Part of the issue is press releases that are used to share research and how they go from scientific writing to science fiction. There needs to be a standard that we all follow. That aspect is a lot more manageable from within the community. I think in a lot of research labs there is a culture of self-correction which is good.
It is important that respected researchers with large followings speak out. When a mis-informed tweet goes out it’s important that these respected researchers immediately speak up about the fact that it’s not representative of our landscape. This could be a real help for early career researchers, as there’s no way they will have the required depth of knowledge to understand everyone’s research and they may just follow the loudest voices. So, it’s important for our loudest voices to be in-line with the rest of the community.
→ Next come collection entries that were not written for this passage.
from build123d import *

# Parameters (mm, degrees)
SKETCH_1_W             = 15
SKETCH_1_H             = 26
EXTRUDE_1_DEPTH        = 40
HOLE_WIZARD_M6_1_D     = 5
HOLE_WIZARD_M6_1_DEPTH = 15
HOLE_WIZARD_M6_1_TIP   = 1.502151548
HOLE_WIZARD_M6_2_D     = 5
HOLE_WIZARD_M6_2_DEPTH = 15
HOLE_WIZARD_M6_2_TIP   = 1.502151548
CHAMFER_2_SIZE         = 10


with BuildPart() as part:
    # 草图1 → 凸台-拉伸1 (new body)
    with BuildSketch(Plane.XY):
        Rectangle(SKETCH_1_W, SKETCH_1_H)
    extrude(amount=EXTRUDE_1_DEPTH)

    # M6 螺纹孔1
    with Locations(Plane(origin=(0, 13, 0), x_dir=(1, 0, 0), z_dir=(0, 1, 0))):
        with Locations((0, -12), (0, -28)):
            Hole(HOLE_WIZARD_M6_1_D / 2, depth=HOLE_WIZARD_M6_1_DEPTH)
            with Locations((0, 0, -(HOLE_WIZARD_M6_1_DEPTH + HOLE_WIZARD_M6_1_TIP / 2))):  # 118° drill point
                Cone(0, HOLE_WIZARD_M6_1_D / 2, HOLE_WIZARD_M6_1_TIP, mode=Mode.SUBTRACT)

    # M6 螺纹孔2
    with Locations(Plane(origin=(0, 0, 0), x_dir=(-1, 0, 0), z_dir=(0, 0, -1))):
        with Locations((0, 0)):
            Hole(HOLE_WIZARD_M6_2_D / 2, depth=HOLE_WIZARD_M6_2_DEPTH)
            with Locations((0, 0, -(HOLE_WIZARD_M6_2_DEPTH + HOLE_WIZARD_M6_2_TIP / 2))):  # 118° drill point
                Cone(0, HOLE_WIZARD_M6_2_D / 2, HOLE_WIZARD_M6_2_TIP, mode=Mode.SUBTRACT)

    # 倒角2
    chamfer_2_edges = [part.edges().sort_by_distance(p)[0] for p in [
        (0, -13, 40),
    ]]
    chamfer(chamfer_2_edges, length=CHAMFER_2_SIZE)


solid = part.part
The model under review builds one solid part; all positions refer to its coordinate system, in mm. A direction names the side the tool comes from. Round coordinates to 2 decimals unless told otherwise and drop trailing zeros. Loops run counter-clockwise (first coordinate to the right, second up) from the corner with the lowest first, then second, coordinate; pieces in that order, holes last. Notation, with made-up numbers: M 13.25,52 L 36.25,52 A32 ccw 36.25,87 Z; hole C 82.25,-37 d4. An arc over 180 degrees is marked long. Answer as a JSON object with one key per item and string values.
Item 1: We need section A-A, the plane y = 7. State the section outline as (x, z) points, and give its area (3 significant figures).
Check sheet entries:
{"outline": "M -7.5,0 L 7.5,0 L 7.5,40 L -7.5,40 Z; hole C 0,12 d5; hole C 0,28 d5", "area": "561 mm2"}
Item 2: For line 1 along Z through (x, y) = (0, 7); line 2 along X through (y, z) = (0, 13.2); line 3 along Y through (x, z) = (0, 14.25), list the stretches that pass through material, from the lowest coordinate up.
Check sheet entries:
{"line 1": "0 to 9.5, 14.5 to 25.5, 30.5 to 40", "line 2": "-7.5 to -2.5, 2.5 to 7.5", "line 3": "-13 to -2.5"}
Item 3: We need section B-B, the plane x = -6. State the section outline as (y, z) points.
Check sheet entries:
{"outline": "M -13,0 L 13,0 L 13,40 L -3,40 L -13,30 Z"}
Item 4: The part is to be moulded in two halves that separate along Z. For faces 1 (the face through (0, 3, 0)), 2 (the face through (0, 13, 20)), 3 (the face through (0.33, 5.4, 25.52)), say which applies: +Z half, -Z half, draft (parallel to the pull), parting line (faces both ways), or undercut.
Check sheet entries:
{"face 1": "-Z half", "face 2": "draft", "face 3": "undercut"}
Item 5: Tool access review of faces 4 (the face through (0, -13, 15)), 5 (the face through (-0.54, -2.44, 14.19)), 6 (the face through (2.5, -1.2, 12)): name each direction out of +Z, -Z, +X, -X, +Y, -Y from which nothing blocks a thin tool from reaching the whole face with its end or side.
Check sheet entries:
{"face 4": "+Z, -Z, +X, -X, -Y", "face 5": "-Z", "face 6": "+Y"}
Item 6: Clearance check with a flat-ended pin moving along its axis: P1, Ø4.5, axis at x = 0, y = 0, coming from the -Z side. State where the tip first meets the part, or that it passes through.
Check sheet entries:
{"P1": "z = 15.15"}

It would also be good if news articles cited the part of the research paper that they were talking about. Even sharing a link to the original paper might not be enough – a lot of non-technical people aren’t going to go and read the research paper. At least citing the relevant part of the paper might help to reduce the hype. Maybe researchers could band together and set out standards for reporting?
I am interested in fairness, accountability and transparency (FAccT) in ML and AI. These should be built into algorithms and systems as standard.
Linking back to the comic, one of things I speak to people about when I give them the comic is: we can’t afford to think of social sciences and engineering as separate disciplines. You need to consider the social impact of your system when you are designing it. The reason I’d like to move into FAccT in ML is because it’s a fledgling field and it’s basically developing as a separate discipline. However, I think that every algorithm needs to be tested against these metrics of fairness etc. I feel that if I can get in while the field is still developing, we can hopefully make it something that everybody has to be part of and it’s not just one set of researchers who are doing this.
I’m also very interested in reinforcement learning and online learning. I feel that a big problem to solve in the field is domain shift and generalisation across distributions. I think that online learning does a much better job there as it’s able to adapt. Of course there will be problems with specificity to the training environment and not being able to generalise across environments but I feel that RL and online learning, especially for security applications, is the area I’d like to go into in more depth.
Falaah Arif Khan is a Research Engineer at Dell EMC, Bangalore where she designs data-driven models for Identity and Access Management. She has worked on the detection of malicious behavior in login activity and on the formulation of suitable responses to malicious requests, in the form of adaptive CAPTCHAs, Multi Factor Authentication mechanisms and the strategic placement of Honeypots. Falaah’s research interests span Human-computer interaction, robust Machine learning, FAccT ML and the social impact of AI (what is also called “AI Anthropology.”) At Dell, Falaah holds the title of “youngest patent holder” and has been awarded the coveted “Game Changer Award” for outstanding innovation in the security space. Falaah has a Bachelor’s in Electronics and Communication Engineering, with a minor in Mathematics from Shiv Nadar University, India and will be heading to New York University’s Center for Data Science in Fall 2020 to pursue a Masters in Data Science.